Effect of added penicillin on the chemical compositions of cheese
In the present study, the total solids, fat, protein and salt content of Sudanese white cheese were not significantly (P>0.05) affected by adding the 3 levels of penicillin to the milk (Table 5). The averages total solids content of cheese samples made from the milk without the addition of penicillin (control) and the addition of 5 mL/6 liters were lower (56.95±0.86%) than the average total solids content of cheese samples made from milk with 3 mL/6 liter added penicillin (Table 5). The mean of fat content revealed 24.95±1.94% for Sudanese white cheese made from milk free from penicillin compared to that made using milk containing 3 mL/6 liter of penicillin (24.95±0.86%). The average protein content was higher (26.41±1.83%) in the cheese samples made from milk containing 3 mL/6 liters and 5 mL/6 liters of penicillin.
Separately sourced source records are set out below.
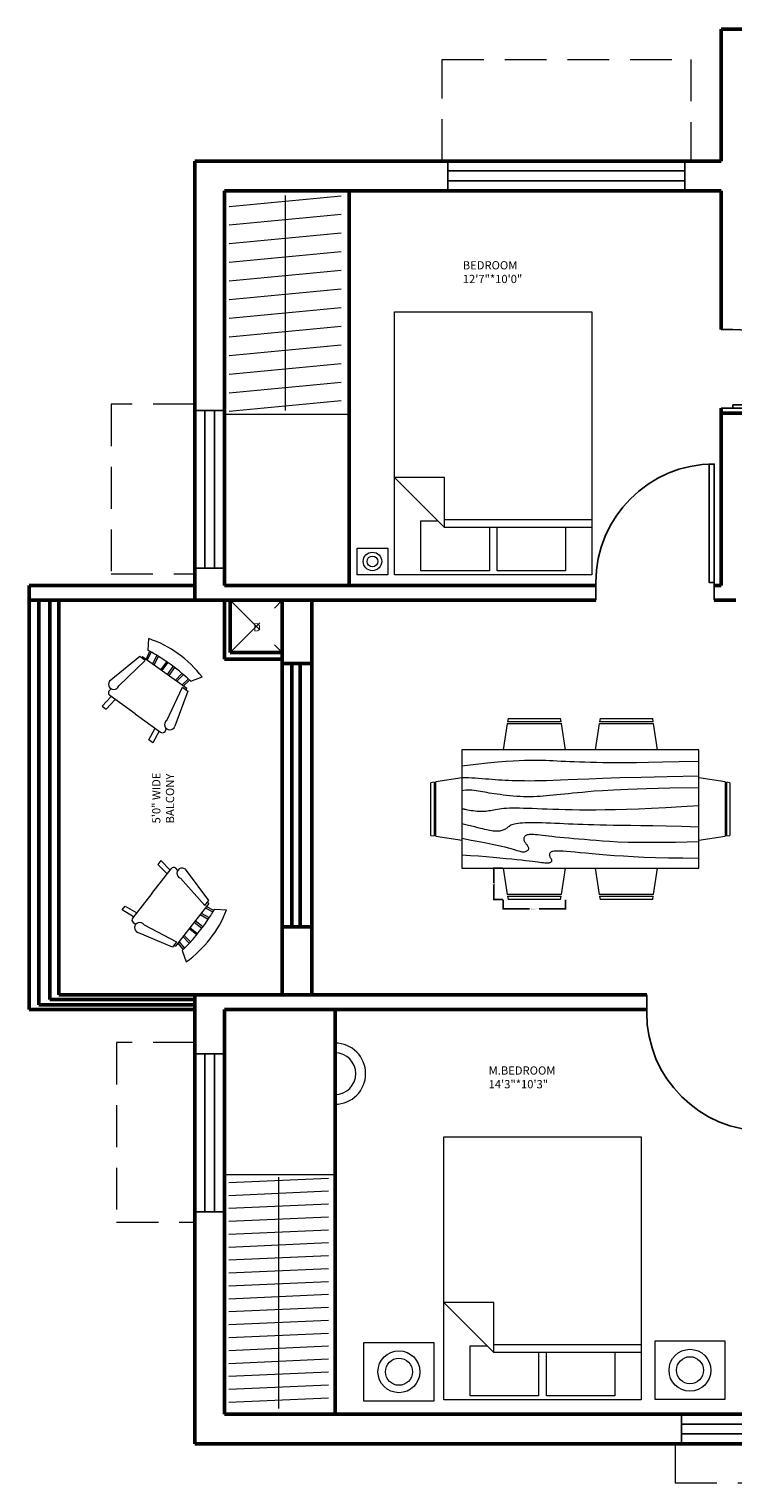
# Model space of a CAD drawing. Units: inches. Extents: x 4795 to 6024, y 2716 to 5025.
# Tile 4 of 19: x 4867 to 5081, y 3339 to 3781. Entities that reach past the tile are written whole.
import ezdxf

# ---------------------------------------------------------------- set-up
doc = ezdxf.new("R2010")
doc.units = ezdxf.units.IN
doc.linetypes.add('DASHED', pattern=[19.05, 12.7, -6.35])
for name, color, linetype, lineweight in [('A-ANNO-DIMS', 2, 'Continuous', 18), ('A-ANNO-TEXT', 7, 'Continuous', 18), ('A-AREA-IDEN', 3, 'Continuous', 18), ('A-DOOR', 4, 'Continuous', 25), ('A-FLOR-FIXT', 9, 'Continuous', 18), ('A-FURN', 8, 'Continuous', 18), ('A-GLAZ', 4, 'Continuous', 25), ('A-WALL', 7, 'Continuous', 50), ('A-WALL-OVHD', 8, 'DASHED', 18)]:
    doc.layers.add(name, color=color, linetype=linetype, lineweight=lineweight)
doc.styles.get("Standard").update_dxf_attribs({"font": 'arial.ttf'})
doc.dimstyles.get("Standard").update_dxf_attribs({"dimtxt": 0.18, "dimasz": 0.18, "dimexe": 0.18, "dimexo": 0.0625, "dimgap": 0.09, "dimtad": 0, "dimtih": 1, "dimtoh": 1, "dimdec": 4, "dimzin": 0, "dimdsep": 46, "dimtxsty": 'Standard', "dimcen": 0.09, "dimadec": 0, "dimazin": 0, "dimtfac": 1, "dimtdec": 4, "dimtofl": 0, "dimtmove": 0, "dimatfit": 3, "dimfxl": 1, "dimtolj": 1, "dimtzin": 0, "dimarcsym": 0})

# ---------------------------------------------------------------- blocks, each defined once
blk = doc.blocks.new('*U2')
for p, q in [((0, 0), (0, -6)), ((40, 0), (40, -6))]:
    blk.add_line(p, q)
blk.add_lwpolyline([(0, 0), (0, 40), (1.75, 40), (1.75, 0)], close=True)
blk.add_arc((0, 0), 40, 0, 90)
blk = doc.blocks.new('Bed - Queen')
for p, q in [((0, -80.00003), (0, 0)), ((0, 0), (59.99999, 0)), ((59.99999, 0), (59.99999, -80.00003)), ((7.99999, -1.2), (28.79998, -1.2)), ((7.99999, -14.4), (7.99999, -1.2)), ((28.79998, -1.2), (28.79998, -14.4)), ((31.19999, -1.2), (51.99999, -1.2)), ((31.19999, -14.4), (31.19999, -1.2)), ((51.99999, -1.2), (51.99999, -16.4)), ((0, -14.4), (44.8, -14.4)), ((44.8, -16.8), (0, -16.8)), ((59.99999, -29.6), (44.8, -14.4)), ((44.8, -14.4), (44.8, -29.6)), ((51.99999, -16.4), (46.79936, -16.4)), ((44.8, -29.6), (59.99999, -29.6)), ((59.99999, -80.00003), (0, -80.00003))]:
    blk.add_line(p, q)
blk = doc.blocks.new('Chair - Rocking')
for p, q in [((-8, -4.5), (-10, -1.5)), ((-4.5, -7), (-4.96674, -4.19951)), ((-4, -7), (-4.40532, -4.16272)), ((-1.5, -4.05012), (-1.5, -7)), ((-1, -7), (-1, -4.05012)), ((1, -7), (1, -4.04655)), ((1.5, -4.05012), (1.5, -7)), ((4, -7), (4.40187, -4.18694)), ((4.5, -7), (4.96761, -4.19437)), ((6.5, -7), (7, -4.4057)), ((8, -4.5), (10, -1.5)), ((-9, -7.5), (-12, -18.49999)), ((-7, -7.5), (-9, -7.5)), ((-9, -18.49999), (-7, -7.5)), ((-8.23428, -6.99939), (-8.3093, -7.47958)), ((-8.23041, -7), (8.23915, -7)), ((-7.5, -4.5), (-7, -7)), ((-6.5, -7), (-7.02225, -4.43)), ((7.5, -4.5), (7, -7)), ((7, -7.5), (9, -7.5)), ((9, -18.49999), (7, -7.5)), ((8.31071, -7.48854), (8.23449, -7.00073)), ((9, -7.5), (12, -18.49999)), ((-10.36644, -20.64523), (-10.5, -21.49999)), ((10.5, -21.49999), (10.3575, -20.58798)), ((-9, -22.49999), (-9.5, -26.49999)), ((0, -22.49999), (-9.5, -22.49999)), ((-9.5, -26.49999), (-8, -26.49999)), ((-8, -26.49999), (-7.5, -22.49999)), ((0, -22.49999), (9.5, -22.49999)), ((8, -26.49999), (7.5, -22.49999)), ((9.5, -26.49999), (8, -26.49999)), ((9, -22.49999), (9.5, -26.49999))]:
    blk.add_line(p, q)
for centre, radius, start, end in [((0, -34.08333), 34.08333, 72.93847, 107.0615), ((0, -68.25004), 64.25, 93.92211, 97.15267), ((0, -68.25004), 64.25, 82.84733, 93.92211), ((-10.5, -18.99999), 1.58114, 161.5651, 18.43495), ((-9.5, -21.49999), 1, 180, 270), ((10.5, -18.99999), 1.58114, 161.5651, 18.43495), ((9.5, -21.49999), 1, 270, 0)]:
    blk.add_arc(centre, radius, start, end)
blk = doc.blocks.new('WIN-48')
for p, q in [((0, 0), (0, 48)), ((0, 48), (9, 48)), ((3, 0), (3, 48)), ((6, 48), (6, 0)), ((9, 48), (9, 0)), ((9, 0), (0, 0))]:
    blk.add_line(p, q)
blk = doc.blocks.new('WIN-72')
for p, q in [((0, 0), (0, 9)), ((0, 9), (72, 9)), ((72, 9), (72, 0)), ((0, 6), (72, 6)), ((72, 3), (0, 3)), ((72, 0), (0, 0))]:
    blk.add_line(p, q)
blk = doc.blocks.new('WIN-24')
for p, q in [((0, 0), (0, 9)), ((0, 9), (24, 9)), ((24, 9), (24, 0)), ((0, 6), (24, 6)), ((24, 3), (0, 3)), ((24, 0), (0, 0))]:
    blk.add_line(p, q)
blk = doc.blocks.new('CHAIR-DINING')
for p, q in [((8, 17.72), (0, 18.97)), ((8, 17.71), (8, 1.25)), ((9.5, 17.48), (8.5, 17.64)), ((8.5, 1.33), (8.5, 17.64)), ((9.5, 17.48), (9.5, 1.48)), ((0, 0), (8, 1.25)), ((8.5, 1.33), (9.5, 1.48))]:
    blk.add_line(p, q)
blk = doc.blocks.new('*D37')
at = {"layer": 'A-ANNO-DIMS', "color": 0, "lineweight": -2, "transparency": 16777216}
for p, q in [((5010.7, 3515.86), (5010.7, 3512.89)), ((5029.67, 3515.86), (5029.67, 3512.89)), ((5010.88, 3513.07), (5018.76, 3513.07)), ((5029.49, 3513.07), (5021.61, 3513.07))]:
    blk.add_line(p, q, dxfattribs=at)
at = {"layer": 'A-ANNO-DIMS', "color": 0, "lineweight": 100, "transparency": 16777216}
for points in [[(5010.88, 3513.1), (5010.88, 3513.04), (5010.7, 3513.07)], [(5029.49, 3513.1), (5029.49, 3513.04), (5029.67, 3513.07)]]:
    blk.add_solid(points, dxfattribs=at)
at = {"layer": 'DEFPOINTS', "color": 0, "lineweight": 100, "transparency": 16777216}
for p in [(5010.7, 3515.92), (5029.67, 3515.92), (5029.67, 3513.07)]:
    blk.add_point(p, dxfattribs=at)
at = {"layer": 'A-ANNO-DIMS', "color": 0, "transparency": 16777216, "insert": (5020.18, 3513.07), "char_height": 0.18, "attachment_point": 5}
blk.add_mtext('\\A1;DINING CHAIR 19 TYP.', dxfattribs=at)
blk = doc.blocks.new('*D38')
at = {"layer": 'A-ANNO-DIMS', "color": 0, "lineweight": -2, "transparency": 16777216}
for p, q in [((5010.64, 3525.42), (5007.67, 3525.42)), ((5007.85, 3525.24), (5007.85, 3520.85)), ((5007.85, 3516.1), (5007.85, 3520.49)), ((5010.64, 3515.92), (5007.67, 3515.92))]:
    blk.add_line(p, q, dxfattribs=at)
at = {"layer": 'A-ANNO-DIMS', "color": 0, "lineweight": 100, "transparency": 16777216}
for points in [[(5007.82, 3525.24), (5007.88, 3525.24), (5007.85, 3525.42)], [(5007.82, 3516.1), (5007.88, 3516.1), (5007.85, 3515.92)]]:
    blk.add_solid(points, dxfattribs=at)
at = {"layer": 'DEFPOINTS', "color": 0, "lineweight": 100, "transparency": 16777216}
for p in [(5010.7, 3525.42), (5007.85, 3515.92), (5010.7, 3515.92)]:
    blk.add_point(p, dxfattribs=at)
at = {"layer": 'A-ANNO-DIMS', "color": 0, "transparency": 16777216, "insert": (5007.85, 3520.67), "char_height": 0.18, "attachment_point": 5}
blk.add_mtext('\\A1;10 TYP.', dxfattribs=at)

msp = doc.modelspace()

# ---------------------------------------------------------------- linework, layer by layer
at = {"layer": 'A-FLOR-FIXT'}
msp.add_lwpolyline([(4975.61, 3614.64), (4966.31, 3614.64), (4966.31, 3622.77), (4975.61, 3622.77)], close=True, dxfattribs=at)
for radius in [2.81, 1.65]:
    msp.add_circle((4970.96, 3618.7), radius, dxfattribs=at)
at = {"layer": 'A-FURN'}
for p, q in [((4927.43, 3726.67), (4961.4, 3729.91)), ((4944.42, 3730.01), (4944.42, 3664.56)), ((4927.43, 3721), (4961.4, 3724.24)), ((4927.43, 3715.34), (4961.4, 3718.58)), ((4927.43, 3709.67), (4961.4, 3712.91)), ((4927.43, 3704.01), (4961.4, 3707.25)), ((4927.43, 3698.34), (4961.4, 3701.58)), ((4927.43, 3692.67), (4961.4, 3695.92)), ((4927.43, 3687.01), (4961.4, 3690.25)), ((4927.43, 3681.34), (4961.4, 3684.59)), ((4927.43, 3675.68), (4961.4, 3678.92)), ((4927.43, 3670.01), (4961.4, 3673.25)), ((4927.43, 3664.35), (4961.4, 3667.59)), ((4925.97, 3663.46), (4963.83, 3663.46)), ((5070.18, 3561.42), (4998.18, 3561.42)), ((4998.18, 3561.42), (4998.18, 3525.42)), ((5070.18, 3525.42), (5070.18, 3561.42)), ((4989.69, 3551.58), (4988.68, 3551.42)), ((4988.68, 3535.42), (4988.68, 3551.42)), ((4989.68, 3551.58), (4989.68, 3535.27)), ((4990.18, 3535.19), (4990.18, 3551.66)), ((4998.19, 3552.9), (4990.19, 3551.65)), ((4988.68, 3535.42), (4989.68, 3535.26)), ((4990.18, 3535.19), (4998.19, 3533.93)), ((4998.18, 3525.42), (5070.18, 3525.42)), ((4925.97, 3432.32), (4959.59, 3432.32)), ((4927.31, 3429.9), (4957.55, 3431.24)), ((4942.43, 3431.54), (4942.43, 3361.15)), ((4927.31, 3425.97), (4957.55, 3427.31)), ((4927.31, 3422.04), (4957.55, 3423.38)), ((4927.31, 3418.11), (4957.55, 3419.45)), ((4927.31, 3414.18), (4957.55, 3415.53)), ((4927.31, 3410.25), (4957.55, 3411.6)), ((4927.31, 3406.32), (4957.55, 3407.67)), ((4927.31, 3402.4), (4957.55, 3403.74)), ((4927.31, 3398.47), (4957.55, 3399.81)), ((4927.31, 3394.54), (4957.55, 3395.88)), ((4927.31, 3390.61), (4957.55, 3391.95)), ((4927.31, 3386.68), (4957.55, 3388.02)), ((4927.31, 3382.75), (4957.55, 3384.1)), ((4927.31, 3378.82), (4957.55, 3380.17)), ((4927.31, 3374.89), (4957.55, 3376.24)), ((4927.31, 3370.97), (4957.55, 3372.31)), ((4927.31, 3367.04), (4957.55, 3368.38)), ((4927.31, 3363.11), (4957.55, 3364.45))]:
    msp.add_line(p, q, dxfattribs=at)
for points in [[(5070.18, 3557.92), (5064.27, 3557.75), (5059.22, 3557.63), (5054.92, 3557.55), (5051.26, 3557.49), (5048.15, 3557.47), (5045.49, 3557.46), (5043.16, 3557.48), (5041.06, 3557.5), (5039.11, 3557.54), (5037.28, 3557.58), (5035.56, 3557.63), (5033.94, 3557.68), (5032.42, 3557.74), (5030.99, 3557.8), (5029.63, 3557.86), (5028.35, 3557.92), (5027.13, 3557.98), (5025.95, 3558.04), (5024.79, 3558.1), (5023.64, 3558.14), (5022.47, 3558.18), (5021.26, 3558.21), (5019.99, 3558.22), (5018.64, 3558.21), (5017.19, 3558.18), (5015.57, 3558.12), (5013.7, 3558.02), (5011.52, 3557.86), (5008.95, 3557.63), (5005.92, 3557.33), (5002.36, 3556.93), (4998.18, 3556.42)], [(5070.18, 3553.42), (5060.59, 3553.23), (5052.65, 3553.05), (5046.17, 3552.87), (5040.92, 3552.7), (5036.71, 3552.54), (5033.31, 3552.4), (5030.51, 3552.27), (5028.1, 3552.17), (5025.91, 3552.09), (5023.88, 3552.03), (5022.01, 3551.99), (5020.29, 3551.96), (5018.7, 3551.95), (5017.23, 3551.96), (5015.87, 3551.98), (5014.6, 3552), (5013.42, 3552.04), (5012.32, 3552.08), (5011.27, 3552.13), (5010.26, 3552.19), (5009.28, 3552.25), (5008.31, 3552.31), (5007.34, 3552.39), (5006.35, 3552.46), (5005.34, 3552.54), (5004.3, 3552.62), (5003.25, 3552.7), (5002.21, 3552.77), (5001.16, 3552.83), (5000.14, 3552.88), (4999.14, 3552.91), (4998.18, 3552.92)], [(5070.18, 3549.92), (5061.37, 3549.73), (5054.27, 3549.55), (5048.65, 3549.36), (5044.29, 3549.18), (5040.96, 3549), (5038.42, 3548.83), (5036.45, 3548.66), (5034.81, 3548.5), (5033.31, 3548.35), (5031.91, 3548.21), (5030.6, 3548.07), (5029.36, 3547.94), (5028.18, 3547.82), (5027.06, 3547.71), (5025.98, 3547.6), (5024.93, 3547.5), (5023.91, 3547.41), (5022.91, 3547.33), (5021.92, 3547.27), (5020.93, 3547.21), (5019.95, 3547.17), (5018.96, 3547.15), (5017.96, 3547.15), (5016.93, 3547.17), (5015.89, 3547.21), (5014.84, 3547.28), (5013.78, 3547.36), (5012.74, 3547.45), (5011.71, 3547.56), (5010.71, 3547.67), (5009.76, 3547.8), (5008.85, 3547.92), (5008.01, 3548.04), (5007.22, 3548.17), (5006.47, 3548.29), (5005.76, 3548.41), (5005.08, 3548.53), (5004.43, 3548.65), (5003.78, 3548.77), (5003.14, 3548.88), (5002.5, 3548.98), (5001.86, 3549.08), (5001.22, 3549.15), (5000.59, 3549.2), (4999.96, 3549.2), (4999.35, 3549.17), (4998.76, 3549.07), (4998.18, 3548.92)], [(5070.18, 3544.42), (5064.98, 3544.08), (5060.2, 3543.8), (5055.84, 3543.58), (5051.84, 3543.41), (5048.19, 3543.29), (5044.84, 3543.21), (5041.76, 3543.15), (5038.93, 3543.13), (5036.32, 3543.12), (5033.9, 3543.13), (5031.65, 3543.16), (5029.57, 3543.2), (5027.63, 3543.24), (5025.82, 3543.3), (5024.12, 3543.36), (5022.52, 3543.42), (5021, 3543.48), (5019.55, 3543.54), (5018.19, 3543.59), (5016.9, 3543.64), (5015.7, 3543.67), (5014.58, 3543.69), (5013.55, 3543.69), (5012.6, 3543.67), (5011.74, 3543.63), (5010.95, 3543.57), (5010.23, 3543.49), (5009.57, 3543.4), (5008.96, 3543.3), (5008.39, 3543.2), (5007.86, 3543.1), (5007.35, 3543), (5006.86, 3542.91), (5006.38, 3542.83), (5005.9, 3542.77), (5005.41, 3542.71), (5004.92, 3542.67), (5004.42, 3542.65), (5003.9, 3542.65), (5003.35, 3542.67), (5002.78, 3542.71), (5002.19, 3542.77), (5001.6, 3542.85), (5001.02, 3542.93), (5000.48, 3543.02), (4999.99, 3543.1), (4999.57, 3543.18), (4999.23, 3543.25), (4998.98, 3543.31), (4998.8, 3543.35), (4998.68, 3543.38), (4998.6, 3543.4), (4998.53, 3543.41), (4998.45, 3543.42), (4998.34, 3543.42), (4998.18, 3543.42)], [(5070.18, 3537.92), (5064.9, 3538.08), (5060.25, 3538.21), (5056.18, 3538.3), (5052.61, 3538.37), (5049.49, 3538.41), (5046.74, 3538.45), (5044.3, 3538.47), (5042.1, 3538.5), (5040.09, 3538.54), (5038.24, 3538.58), (5036.53, 3538.63), (5034.92, 3538.68), (5033.41, 3538.74), (5031.96, 3538.8), (5030.56, 3538.86), (5029.18, 3538.92), (5027.81, 3538.98), (5026.45, 3539.04), (5025.11, 3539.1), (5023.81, 3539.15), (5022.55, 3539.19), (5021.36, 3539.22), (5020.23, 3539.25), (5019.18, 3539.25), (5018.23, 3539.25), (5017.37, 3539.22), (5016.58, 3539.18), (5015.88, 3539.13), (5015.26, 3539.06), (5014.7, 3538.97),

However, the mean salt content of Sudanese white cheese was higher (3.40±0.72%) in the cheese made from control milk with no addition of penicillin (Table 5).
|
Chemical composition (%) |
Added penicillin (mL/6 liter) |
Significant level |
||
|
0 |
3 |
5 |
||
|
Total solids |
56.95±0.82 |
56.96±0.98 |
56.95±0.86 |
NS |
|
Fat |
24.95±1.94 |
24.91±0.86 |
24.95±1.03 |
NS |
|
Protein |
26.40±2.64 |
26.41±1.91 |
26.41±1.83 |
NS |
|
Salt |
3.40±0.72 |
3.39±0.83 |
3.39±0.36 |
NS |
|
NS: Non significant (P>0.05) |
||||
Antibiotic residues affect cheese-making process by inhibiting the growth of the starter cultures, acidification, milk curdling as well as ripening [73]. Fortunately, penicillin G residue was not detected in cheese, while it was found in the whey at concentrations similar to those added to raw milk [74]. Similarly, the cheese-making process was unaffected by the presence of most antibiotics evaluated, as only erythromycin and oxytetracycline were significantly prolonging the time required for cheese production (122±29 and 108±25 minutes, respectively) [73]. Although the antimicrobial drugs can also interfere with the manufacture of dairy products, decrease acid and flavor production associated with butter manufacture, reduce the curdling of milk, and cause improper ripening of cheeses [75]. Moreover, the occurrence of antibiotic residues might affect the quality and safety of raw milk and its products [76]. Also, safe milk must not contain any antibiotic residues and their occurrence in the milk of dairy farms, which is an indication of the misuse of antibiotics [77]. Moreover, generally, for the production of cheese, various kinds of milk or other additives have been used [78,79]. This has economic concern in the food industry as food fraud is considered a major problem [80,81]. The regulatory agencies spend a lot of money to assess and reduce food fraud because it has a fundamental connection to nutrition and public health [82,83]. In addition, the loss of confidence by investors, customers, consumers and authorities caused by food fraud and adulteration events can be far more damaging than the direct economic impact [84].
Conclusion
Based on these result, yoghurt and Sudanese white cheese quality, yield and chemical composition were significantly affected by the milk adulteration. The contents of total solids, fat, protein, ash, and titratable acidity in yoghurt were decreased by increasing the levels of the added water to the milk. Also, the cheese yield was significantly affected by the added water to the milk. The chemical composition of cheese showed significant variation due to the addition of ammonium chloride to the milk. The present study recommends that more efforts are needed to minimize the malpractice of adulteration of milk and to establish its standardization to produce high-quality milk and dairy products.